Leslie Brody & The Inspiration of Jessica Mitford

You know, we haven’t had a biographer drop by Beatrice in a while, so I’m delighted to share this essay from Leslie Brody about what led her to write Irrepressible: The Life and Times of Jessica Mitford and the inspiration she drew from her subject. I confess I haven’t had a chance to do more than glance at this title yet, for reasons that will become apparent over the next few days, but Mitford’s life sounds fascinating—I’m looking forward to eventually learning more.
I wanted to write a biography about someone who managed to hold on to the dreams of her youth. This elusive art was exactly what Jessica Mitford, as writer and provacateuse, triumphantly practiced all her long and adventurous life.

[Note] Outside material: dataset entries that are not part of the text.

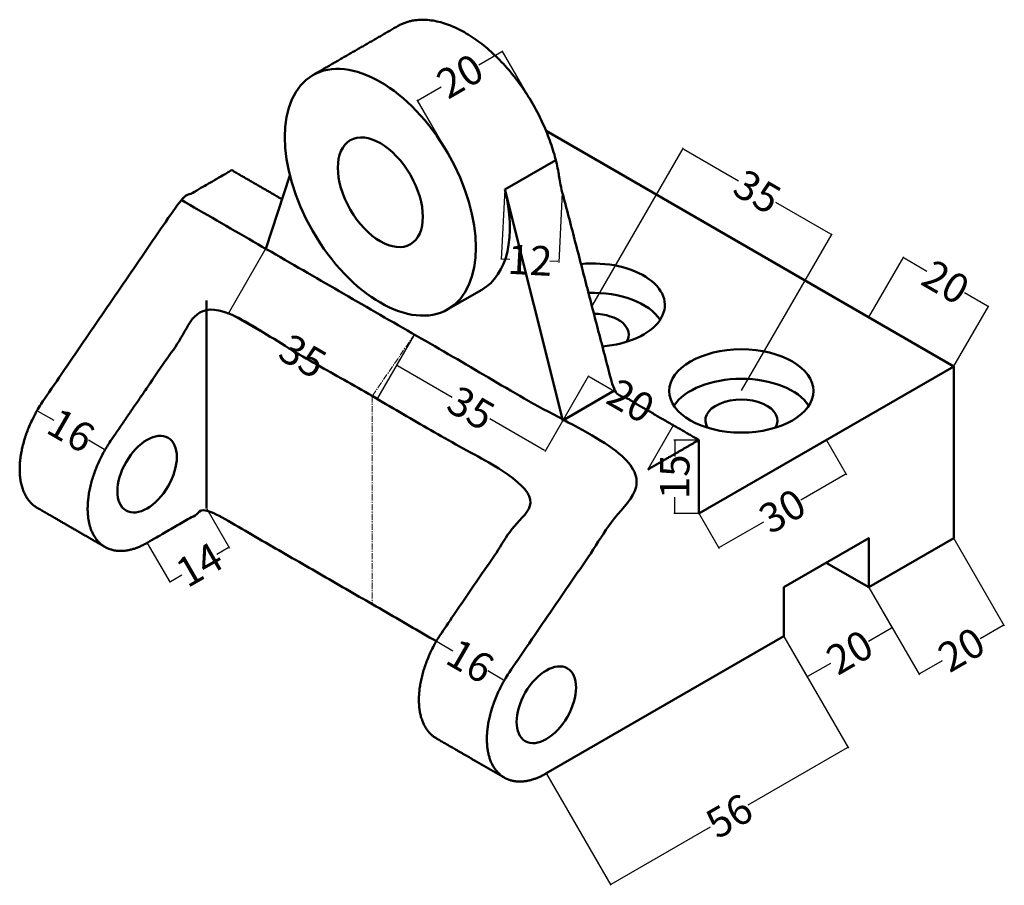
# Model space of a CAD drawing. Units: millimetres. Extents: x 17 to 218, y -59 to 117.
import ezdxf

# ---------------------------------------------------------------- set-up
doc = ezdxf.new("R2010")
doc.units = ezdxf.units.MM
doc.header["$MEASUREMENT"] = 0
doc.linetypes.add('CENTER', pattern=[2, 1.25, -0.25, 0.25, -0.25])
for name, color, linetype, lineweight in [('M-CNTR', 4, 'CENTER', 18), ('M-DIMS', 2, 'Continuous', 25), ('M-OUTL', 7, 'Continuous', 50)]:
    doc.layers.add(name, color=color, linetype=linetype, lineweight=lineweight)
doc.styles.get("Standard").update_dxf_attribs({"font": 'arial.ttf'})
doc.dimstyles.get("Standard").update_dxf_attribs({"dimtxt": 6, "dimasz": 0.18, "dimexe": 0.18, "dimexo": 0.0625, "dimgap": 0.09, "dimtad": 0, "dimtoh": 1, "dimdec": 0, "dimzin": 0, "dimdsep": 46, "dimtxsty": 'Standard', "dimcen": 0.09, "dimadec": 0, "dimazin": 0, "dimtfac": 1, "dimtdec": 0, "dimtofl": 0, "dimtmove": 0, "dimatfit": 3, "dimfxl": 1, "dimtolj": 1, "dimtzin": 0, "dimarcsym": 0})

# ---------------------------------------------------------------- blocks, each defined once
blk = doc.blocks.new('*D1')
at = {"layer": 'Defpoints', "color": 0, "transparency": 16777216}
for p in [(115.95, 82.7), (127.69, 82.09), (126.94, 67.95)]:
    blk.add_point(p, dxfattribs=at)
at = {"layer": 'M-DIMS', "color": 0, "lineweight": -2, "transparency": 16777216}
for p, q in [((115.95, 82.64), (115.2, 68.39)), ((127.68, 82.03), (126.94, 67.77)), ((115.39, 68.56), (117.01, 68.47)), ((126.77, 67.96), (125.14, 68.05))]:
    blk.add_line(p, q, dxfattribs=at)
at = {"layer": 'M-DIMS', "color": 0, "transparency": 16777216}
for points in [[(115.39, 68.59), (115.39, 68.53), (115.21, 68.57)], [(126.77, 67.99), (126.76, 67.93), (126.94, 67.95)]]:
    blk.add_solid(points, dxfattribs=at)
at = {"layer": 'M-DIMS', "color": 0, "transparency": 16777216, "insert": (121.08, 68.26), "char_height": 6, "attachment_point": 5, "rotation": 356.9969}
blk.add_mtext('\\A1;12', dxfattribs=at)
blk = doc.blocks.new('*D2')
at = {"layer": 'Defpoints', "color": 0, "transparency": 16777216}
for p in [(67.19, 70.6), (97.5, 53.1), (89.91, 39.95)]:
    blk.add_point(p, dxfattribs=at)
at = {"layer": 'M-DIMS', "color": 0, "lineweight": -2, "transparency": 16777216}
for p, q in [((67.16, 70.55), (59.51, 57.3)), ((59.76, 57.36), (70.94, 50.91)), ((97.47, 53.05), (89.82, 39.8)), ((89.75, 40.04), (78.57, 46.5))]:
    blk.add_line(p, q, dxfattribs=at)
at = {"layer": 'M-DIMS', "color": 0, "transparency": 16777216}
for points in [[(59.77, 57.39), (59.74, 57.34), (59.6, 57.45)], [(89.77, 40.07), (89.74, 40.02), (89.91, 39.95)]]:
    blk.add_solid(points, dxfattribs=at)
at = {"layer": 'M-DIMS', "color": 0, "transparency": 16777216, "insert": (74.76, 48.7), "char_height": 6, "attachment_point": 5, "rotation": 330}
blk.add_mtext('\\A1;35', dxfattribs=at)
blk = doc.blocks.new('*D3')
at = {"layer": 'Defpoints', "color": 0, "transparency": 16777216}
for p in [(97.5, 53.1), (127.81, 35.6), (124.21, 29.37)]:
    blk.add_point(p, dxfattribs=at)
at = {"layer": 'M-DIMS', "color": 0, "lineweight": -2, "transparency": 16777216}
for p, q in [((97.47, 53.05), (93.81, 46.71)), ((94.06, 46.78), (105.24, 40.32)), ((124.06, 29.46), (112.87, 35.91)), ((127.78, 35.55), (124.12, 29.21))]:
    blk.add_line(p, q, dxfattribs=at)
at = {"layer": 'M-DIMS', "color": 0, "transparency": 16777216}
for points in [[(94.07, 46.8), (94.04, 46.75), (93.9, 46.87)], [(124.07, 29.48), (124.04, 29.43), (124.21, 29.37)]]:
    blk.add_solid(points, dxfattribs=at)
at = {"layer": 'M-DIMS', "color": 0, "transparency": 16777216, "insert": (109.06, 38.12), "char_height": 6, "attachment_point": 5, "rotation": 330}
blk.add_mtext('\\A1;35', dxfattribs=at)
blk = doc.blocks.new('*D4')
at = {"layer": 'Defpoints', "color": 0, "transparency": 16777216}
for p in [(115.47, 110.8), (121.67, 100.06), (104.35, 90.06)]:
    blk.add_point(p, dxfattribs=at)
at = {"layer": 'M-DIMS', "color": 0, "lineweight": -2, "transparency": 16777216}
for p, q in [((115.32, 110.71), (110.65, 108.01)), ((121.64, 100.11), (115.38, 110.95)), ((98.31, 100.89), (102.98, 103.58)), ((104.32, 90.11), (98.06, 100.95))]:
    blk.add_line(p, q, dxfattribs=at)
at = {"layer": 'M-DIMS', "color": 0, "transparency": 16777216}
for points in [[(115.3, 110.73), (115.33, 110.68), (115.47, 110.8)], [(98.29, 100.91), (98.32, 100.86), (98.15, 100.8)]]:
    blk.add_solid(points, dxfattribs=at)
at = {"layer": 'M-DIMS', "color": 0, "transparency": 16777216, "insert": (106.81, 105.8), "char_height": 6, "attachment_point": 5, "rotation": 30}
blk.add_mtext('\\A1;20', dxfattribs=at)
blk = doc.blocks.new('*D5')
at = {"layer": 'Defpoints', "color": 0, "transparency": 16777216}
for p in [(127.81, 35.6), (150.33, 34.6), (145.13, 25.6)]:
    blk.add_point(p, dxfattribs=at)
at = {"layer": 'M-DIMS', "color": 0, "lineweight": -2, "transparency": 16777216}
for p, q in [((127.84, 35.66), (133.11, 44.76)), ((133.17, 44.52), (137.84, 41.82)), ((150.18, 34.69), (145.51, 37.39)), ((145.16, 25.65), (150.42, 34.76))]:
    blk.add_line(p, q, dxfattribs=at)
at = {"layer": 'M-DIMS', "color": 0, "transparency": 16777216}
for points in [[(133.19, 44.54), (133.16, 44.49), (133.02, 44.61)], [(150.19, 34.72), (150.16, 34.67), (150.33, 34.6)]]:
    blk.add_solid(points, dxfattribs=at)
at = {"layer": 'M-DIMS', "color": 0, "transparency": 16777216, "insert": (141.67, 39.6), "char_height": 6, "attachment_point": 5, "rotation": 329.9782}
blk.add_mtext('\\A1;20', dxfattribs=at)
blk = doc.blocks.new('*D6')
at = {"layer": 'Defpoints', "color": 0, "transparency": 16777216}
for p in [(172.85, -8.4), (185.92, -31.05), (124.42, -36.36)]:
    blk.add_point(p, dxfattribs=at)
at = {"layer": 'M-DIMS', "color": 0, "lineweight": -2, "transparency": 16777216}
for p, q in [((172.88, -8.45), (186.01, -31.2)), ((185.77, -31.14), (165.51, -42.83)), ((124.45, -36.41), (137.58, -59.16)), ((137.65, -58.92), (157.91, -47.22))]:
    blk.add_line(p, q, dxfattribs=at)
at = {"layer": 'M-DIMS', "color": 0, "transparency": 16777216}
for points in [[(185.75, -31.11), (185.78, -31.16), (185.92, -31.05)], [(137.64, -58.89), (137.67, -58.94), (137.49, -59.01)]]:
    blk.add_solid(points, dxfattribs=at)
at = {"layer": 'M-DIMS', "color": 0, "transparency": 16777216, "insert": (161.71, -45.03), "char_height": 6, "attachment_point": 5, "rotation": 30.0002}
blk.add_mtext('\\A1;56', dxfattribs=at)
blk = doc.blocks.new('*D7')
at = {"layer": 'Defpoints', "color": 0, "transparency": 16777216}
for p in [(190.17, 1.6), (194.93, -6.65), (172.85, -8.4)]:
    blk.add_point(p, dxfattribs=at)
at = {"layer": 'M-DIMS', "color": 0, "lineweight": -2, "transparency": 16777216}
for p, q in [((190.2, 1.55), (195.02, -6.81)), ((194.78, -6.74), (190.11, -9.44)), ((172.88, -8.45), (177.7, -16.81)), ((177.77, -16.56), (182.44, -13.87))]:
    blk.add_line(p, q, dxfattribs=at)
at = {"layer": 'M-DIMS', "color": 0, "transparency": 16777216}
for points in [[(194.76, -6.72), (194.79, -6.77), (194.93, -6.65)], [(177.76, -16.54), (177.79, -16.59), (177.61, -16.65)]]:
    blk.add_solid(points, dxfattribs=at)
at = {"layer": 'M-DIMS', "color": 0, "transparency": 16777216, "insert": (186.27, -11.65), "char_height": 6, "attachment_point": 5, "rotation": 30}
blk.add_mtext('\\A1;20', dxfattribs=at)
blk = doc.blocks.new('*D8')
at = {"layer": 'Defpoints', "color": 0, "transparency": 16777216}
for p in [(207.49, 11.6), (190.17, 1.6), (217.72, -6.11)]:
    blk.add_point(p, dxfattribs=at)
at = {"layer": 'M-DIMS', "color": 0, "lineweight": -2, "transparency": 16777216}
for p, q in [((207.52, 11.55), (217.81, -6.27)), ((190.2, 1.55), (200.49, -16.27)), ((217.56, -6.2), (212.89, -8.9)), ((200.55, -16.02), (205.22, -13.33))]:
    blk.add_line(p, q, dxfattribs=at)
at = {"layer": 'M-DIMS', "color": 0, "transparency": 16777216}
for points in [[(217.55, -6.18), (217.58, -6.23), (217.72, -6.11)], [(200.54, -16), (200.57, -16.05), (200.4, -16.11)]]:
    blk.add_solid(points, dxfattribs=at)
at = {"layer": 'M-DIMS', "color": 0, "transparency": 16777216, "insert": (209.06, -11.11), "char_height": 6, "attachment_point": 5, "rotation": 30}
blk.add_mtext('\\A1;20', dxfattribs=at)
blk = doc.blocks.new('*D9')
at = {"layer": 'Defpoints', "color": 0, "transparency": 16777216}
for p in [(155.53, 31.6), (150.61, 16.6), (155.53, 16.6)]:
    blk.add_point(p, dxfattribs=at)
at = {"layer": 'M-DIMS', "color": 0, "lineweight": -2, "transparency": 16777216}
for p, q in [((155.46, 31.6), (150.43, 31.6)), ((150.61, 31.42), (150.61, 28.23)), ((150.61, 16.78), (150.61, 19.98)), ((155.46, 16.6), (150.43, 16.6))]:
    blk.add_line(p, q, dxfattribs=at)
at = {"layer": 'M-DIMS', "color": 0, "transparency": 16777216}
for points in [[(150.58, 31.42), (150.64, 31.42), (150.61, 31.6)], [(150.58, 16.78), (150.64, 16.78), (150.61, 16.6)]]:
    blk.add_solid(points, dxfattribs=at)
at = {"layer": 'M-DIMS', "color": 0, "transparency": 16777216, "insert": (150.61, 24.1), "char_height": 6, "attachment_point": 5, "rotation": 90}
blk.add_mtext('\\A1;15', dxfattribs=at)
blk = doc.blocks.new('*D10')
at = {"layer": 'Defpoints', "color": 0, "transparency": 16777216}
for p in [(55.14, 17.64), (43.01, 10.64), (47.6, 2.7)]:
    blk.add_point(p, dxfattribs=at)
at = {"layer": 'M-DIMS', "color": 0, "lineweight": -2, "transparency": 16777216}
for p, q in [((55.17, 17.59), (59.81, 9.54)), ((43.04, 10.59), (47.69, 2.54)), ((59.57, 9.61), (57.21, 8.24)), ((47.76, 2.79), (50.12, 4.15))]:
    blk.add_line(p, q, dxfattribs=at)
at = {"layer": 'M-DIMS', "color": 0, "transparency": 16777216}
for points in [[(59.55, 9.63), (59.58, 9.58), (59.72, 9.7)], [(47.74, 2.81), (47.77, 2.76), (47.6, 2.7)]]:
    blk.add_solid(points, dxfattribs=at)
at = {"layer": 'M-DIMS', "color": 0, "transparency": 16777216, "insert": (53.66, 6.2), "char_height": 6, "attachment_point": 5, "rotation": 30}
blk.add_mtext('\\A1;14', dxfattribs=at)
blk = doc.blocks.new('*D11')
at = {"layer": 'Defpoints', "color": 0, "transparency": 16777216}
for p in [(101.99, -9.41), (115.84, -17.41), (115.84, -17.41)]:
    blk.add_point(p, dxfattribs=at)
at = {"layer": 'M-DIMS', "color": 0, "lineweight": -2, "transparency": 16777216}
for p, q in [((102.02, -9.35), (102.08, -9.25)), ((102.14, -9.5), (105.36, -11.36)), ((115.69, -17.32), (112.47, -15.46)), ((115.88, -17.35), (115.93, -17.25))]:
    blk.add_line(p, q, dxfattribs=at)
at = {"layer": 'M-DIMS', "color": 0, "transparency": 16777216}
for points in [[(102.16, -9.47), (102.13, -9.52), (101.99, -9.41)], [(115.7, -17.29), (115.67, -17.34), (115.84, -17.41)]]:
    blk.add_solid(points, dxfattribs=at)
at = {"layer": 'M-DIMS', "color": 0, "transparency": 16777216, "insert": (108.92, -13.41), "char_height": 6, "attachment_point": 5, "rotation": 330}
blk.add_mtext('\\A1;16', dxfattribs=at)
blk = doc.blocks.new('*D12')
at = {"layer": 'Defpoints', "color": 0, "transparency": 16777216}
for p in [(20.58, 37.59), (34.44, 29.59), (34.44, 29.59)]:
    blk.add_point(p, dxfattribs=at)
at = {"layer": 'M-DIMS', "color": 0, "lineweight": -2, "transparency": 16777216}
for p, q in [((20.61, 37.65), (20.67, 37.75)), ((20.74, 37.5), (23.96, 35.64)), ((34.28, 29.68), (31.06, 31.54)), ((34.47, 29.65), (34.53, 29.75))]:
    blk.add_line(p, q, dxfattribs=at)
at = {"layer": 'M-DIMS', "color": 0, "transparency": 16777216}
for points in [[(20.75, 37.53), (20.72, 37.48), (20.58, 37.59)], [(34.3, 29.71), (34.27, 29.66), (34.44, 29.59)]]:
    blk.add_solid(points, dxfattribs=at)
at = {"layer": 'M-DIMS', "color": 0, "transparency": 16777216, "insert": (27.51, 33.59), "char_height": 6, "attachment_point": 5, "rotation": 330}
blk.add_mtext('\\A1;16', dxfattribs=at)
blk = doc.blocks.new('*D13')
at = {"layer": 'Defpoints', "color": 0, "transparency": 16777216}
for p in [(182.59, 73.48), (133.88, 59.1), (164.19, 41.6)]:
    blk.add_point(p, dxfattribs=at)
at = {"layer": 'M-DIMS', "color": 0, "lineweight": -2, "transparency": 16777216}
for p, q in [((133.91, 59.16), (152.37, 91.14)), ((152.44, 90.89), (163.62, 84.43)), ((182.43, 73.57), (171.25, 80.03)), ((164.22, 41.66), (182.68, 73.64))]:
    blk.add_line(p, q, dxfattribs=at)
at = {"layer": 'M-DIMS', "color": 0, "transparency": 16777216}
for points in [[(152.45, 90.92), (152.42, 90.86), (152.28, 90.98)], [(182.45, 73.6), (182.42, 73.54), (182.59, 73.48)]]:
    blk.add_solid(points, dxfattribs=at)
at = {"layer": 'M-DIMS', "color": 0, "transparency": 16777216, "insert": (167.43, 82.23), "char_height": 6, "attachment_point": 5, "rotation": 330}
blk.add_mtext('\\A1;35', dxfattribs=at)
blk = doc.blocks.new('*D14')
at = {"layer": 'Defpoints', "color": 0, "transparency": 16777216}
for p in [(181.51, 31.6), (185.53, 24.64), (155.53, 16.6)]:
    blk.add_point(p, dxfattribs=at)
at = {"layer": 'M-DIMS', "color": 0, "lineweight": -2, "transparency": 16777216}
for p, q in [((181.54, 31.55), (185.62, 24.48)), ((185.37, 24.55), (176.33, 19.32)), ((155.56, 16.55), (159.64, 9.48)), ((159.7, 9.73), (168.75, 14.95))]:
    blk.add_line(p, q, dxfattribs=at)
at = {"layer": 'M-DIMS', "color": 0, "transparency": 16777216}
for points in [[(185.36, 24.57), (185.39, 24.52), (185.53, 24.64)], [(159.69, 9.75), (159.72, 9.7), (159.55, 9.64)]]:
    blk.add_solid(points, dxfattribs=at)
at = {"layer": 'M-DIMS', "color": 0, "transparency": 16777216, "insert": (172.54, 17.14), "char_height": 6, "attachment_point": 5, "rotation": 30}
blk.add_mtext('\\A1;30', dxfattribs=at)
blk = doc.blocks.new('*D15')
at = {"layer": 'Defpoints', "color": 0, "transparency": 16777216}
for p in [(197.21, 68.8), (190.17, 56.6), (207.49, 46.6)]:
    blk.add_point(p, dxfattribs=at)
at = {"layer": 'M-DIMS', "color": 0, "lineweight": -2, "transparency": 16777216}
for p, q in [((190.2, 56.66), (197.3, 68.96)), ((197.37, 68.71), (202.03, 66.01)), ((214.37, 58.89), (209.7, 61.59)), ((207.52, 46.66), (214.62, 58.96))]:
    blk.add_line(p, q, dxfattribs=at)
at = {"layer": 'M-DIMS', "color": 0, "transparency": 16777216}
for points in [[(197.38, 68.74), (197.35, 68.68), (197.21, 68.8)], [(214.39, 58.92), (214.36, 58.86), (214.53, 58.8)]]:
    blk.add_solid(points, dxfattribs=at)
at = {"layer": 'M-DIMS', "color": 0, "transparency": 16777216, "insert": (205.87, 63.8), "char_height": 6, "attachment_point": 5, "rotation": 330}
blk.add_mtext('\\A1;20', dxfattribs=at)

msp = doc.modelspace()

# ---------------------------------------------------------------- linework, layer by layer
at = {"layer": 'M-CNTR'}
msp.add_lwpolyline([(97.57, 53.2), (88.91, 40.53), (88.91, -1.86)], dxfattribs=at)
at = {"layer": 'M-OUTL'}
for p, q in [((115.96, 82.67), (126.35, 88.67)), ((67.19, 70.6), (72.13, 85.49)), ((127.81, 35.6), (115.95, 82.7)), ((76.1, 75.4), (76.1, 75.4)), ((104.35, 58.24), (111.28, 62.24)), ((55.14, 60.03), (55.14, 17.64)), ((138.21, 41.6), (127.81, 35.6)), ((136.54, -29.36), (136.54, -29.36))]:
    msp.add_line(p, q, dxfattribs=at)
for points in [[(155.53, 31.6), (155.53, 16.6), (207.49, 46.6), (124.38, 94.59)], [(190.17, 1.6), (207.49, 11.6), (207.49, 46.6)], [(124.35, -36.4), (172.85, -8.4), (172.85, 1.6), (190.17, 11.6), (190.17, 1.6), (181.51, 6.6)]]:
    msp.add_lwpolyline(points, dxfattribs=at)
for centre, major_axis in [((90.57, 82.1), (13.78, -23.86)), ((90.57, 82.1), (6.12, -10.61)), ((164.19, 41.6), (-14.7, 0)), ((43.01, 24.64), (-4.29, -7.42)), ((124.42, -22.36), (-4.29, -7.42))]:
    msp.add_ellipse(centre, major_axis=major_axis, ratio=0.57735, dxfattribs=at)
for centre, major_axis, start_param, end_param in [((97.5, 86.1), (13.78, -23.86), 6.283185, 7.396657), ((133.88, 59.1), (-14.7, 0), 1.705098, 4.875904), ((133.88, 53.1), (-14.7, 0), 3.50296, 4.770875), ((133.88, 53.1), (-7.35, 0), 2.780226, 4.679703), ((164.19, 35.6), (-14.7, 0), 3.50296, 5.921818), ((29.16, 32.64), (-8.57, -14.85), 2.356194, 2.364148), ((164.19, 35.6), (-7.35, 0), 2.780226, 6.644552), ((110.56, -14.36), (-8.57, -14.85), 2.356194, 2.364148)]:
    msp.add_ellipse(centre, major_axis=major_axis, ratio=0.57735, start_param=start_param, end_param=end_param, dxfattribs=at)
for points, weights, knots in [([(145.13, 25.6), (150.33, 28.6), (155.53, 31.6), (146.87, 36.6), (138.21, 41.6), (132.71, 62.76), (127.21, 83.92), (125.61, 98.7), (114.15, 109.81), (102.68, 120.91), (94.12, 115.97), (85.46, 110.97), (76.8, 105.97)], [1, 1, 1, 1, 1, 1, 1, 0.849390997232, 1, 0.849390997232, 1, 1, 1], [0, 0, 0, 1, 1, 2, 2, 3, 3, 4.111932, 4.111932, 5.223864, 5.223864, 6.223864, 6.223864, 6.223864]), ([(70.53, 80.67), (65.4, 83.64), (60.26, 86.6), (55.07, 83.6), (49.87, 80.6), (35.82, 60.05), (21.77, 39.49), (17.42, 33.11), (17.06, 26.57), (16.7, 20.04), (20.58, 17.79), (27.51, 13.79), (34.44, 9.79)], [1, 1, 1, 1, 1, 1, 1, 0.910861092427, 1, 0.910861092427, 1, 1, 1], [0, 0, 0, 1, 1, 2, 2, 3, 3, 3.850861, 3.850861, 4.701723, 4.701723, 5.701723, 5.701723, 5.701723]), ([(49.87, 80.6), (97.5, 53.1), (145.13, 25.6), (131.09, 5.05), (117.04, -15.51), (110.14, -25.6), (112.94, -33.49), (115.73, -41.37), (124.42, -36.36)], [1, 1, 1, 1, 1, 0.812842828072, 1, 0.812842828072, 1], [0, 0, 0, 1, 1, 2, 2, 3.24356, 3.24356, 4.487121, 4.487121, 4.487121]), ([(115.84, -37.21), (108.92, -33.21), (101.99, -29.21), (98.1, -26.96), (98.46, -20.43), (98.82, -13.89), (103.18, -7.51), (112.93, 6.76), (122.69, 21.03), (88.91, 40.53), (55.14, 60.03), (45.38, 45.76), (35.63, 31.49), (28.74, 21.4), (31.53, 13.51), (34.32, 5.63), (43.01, 10.64), (49.07, 14.14), (55.14, 17.64), (78.56, 4.12), (101.99, -9.41)], [1, 1, 1, 0.910861092427, 1, 0.910861092427, 1, 1, 1, 1, 1, 1, 1, 0.812842828072, 1, 0.812842828072, 1, 1, 1, 1, 1], [0, 0, 0, 1, 1, 1.850861, 1.850861, 2.701723, 2.701723, 3.701723, 3.701723, 4.701723, 4.701723, 5.701723, 5.701723, 6.945283, 6.945283, 8.188843, 8.188843, 9.188843, 9.188843, 10.188843, 10.188843, 10.188843])]:
    msp.add_rational_spline(points, weights, degree=2, knots=knots, dxfattribs=at)

# ---------------------------------------------------------------- dimensions: what is measured, and where the dimension line sits
at = {"layer": 'M-DIMS'}
for p1, p2, distance, picture, middle in [((104.35, 90.06), (121.67, 100.06), 12.4, '*D4', (106.81, 105.8)), ((133.88, 59.1), (164.19, 41.6), 36.81, '*D13', (167.43, 82.23)), ((115.95, 82.7), (127.69, 82.09), -14.15, '*D1', (121.08, 68.26)), ((67.19, 70.6), (97.5, 53.1), -15.18, '*D2', (74.76, 48.7)), ((207.49, 46.6), (190.17, 56.6), -14.08, '*D15', (205.87, 63.8)), ((97.5, 53.1), (127.81, 35.6), -7.2, '*D3', (109.06, 38.12)), ((127.81, 35.6), (145.13, 25.6), 10.4, '*D5', (141.67, 39.6)), ((20.58, 37.59), (34.44, 29.59), 0, '*D12', (27.51, 33.59)), ((155.53, 31.6), (155.53, 16.6), -4.91, '*D9', (150.61, 24.1)), ((155.53, 16.6), (181.51, 31.6), -8.04, '*D14', (172.54, 17.14)), ((55.14, 17.64), (43.01, 10.64), 9.18, '*D10', (53.66, 6.2)), ((190.17, 1.6), (207.49, 11.6), -20.46, '*D8', (209.06, -11.11)), ((172.85, -8.4), (190.17, 1.6), -9.54, '*D7', (186.27, -11.65)), ((101.99, -9.41), (115.84, -17.41), 0, '*D11', (108.92, -13.41)), ((124.42, -36.36), (172.85, -8.4), -26.15, '*D6', (161.71, -45.03))]:
    dim = msp.add_aligned_dim(p1=p1, p2=p2, distance=distance, dimstyle='Standard', override={"dimclrd": 0, "dimclre": 0, "dimclrt": 0}, dxfattribs=at)
    dim.commit()
    dim.dimension.update_dxf_attribs({"geometry": picture, "text_midpoint": middle})

doc.saveas('drawing.dxf')

When I first read Mitford’s memoir Hons and Rebels, I was charmed by her rebellious and funny voice, and delighted to discover that she had left home at seventeen and set off to change the world on a utopian model. My escape at the same age was considerably less dramatic and I was fortunate to find a home in a counterculture that supported my initial wanderings and exercises in journalism.
In the early 1980s, I found work as a part-time librarian at the same San Francisco College of Mortuary Science that Mitford had eviscerated in The American Way of Death (grateful for a job that demanded no credentials). Four mornings a week, I would sit at a gigantic oak desk, inhaling formaldehyde and the must of unopened books, as I revised the plays I’d begun to write. I would filch announcements off the bulletin boards for weekend workshops in “head reconstruction,” and “grief counseling Bar-B-Ques,” and stash these away. Nobody would visit my library for weeks on end, except one young mortician-in-training who desultorily flipped through some books, then finally asked me out. He thought I might enjoy a tour of the building and I did. I saw the classrooms, laboratories, embalming rooms, and in the back yard what looked like twenty plastic gasoline cans full of blood. Once as I was snooping on my own, amid the back issues of “Mortuary Management” and “Casket and Sunnyside,” I found a file folder marked “Jessica Mitford.” I wish I could tell you there were explosive secret documents inside but it was empty. I always thought she’d get a kick out that, but I never met her—that is until I started to research this book.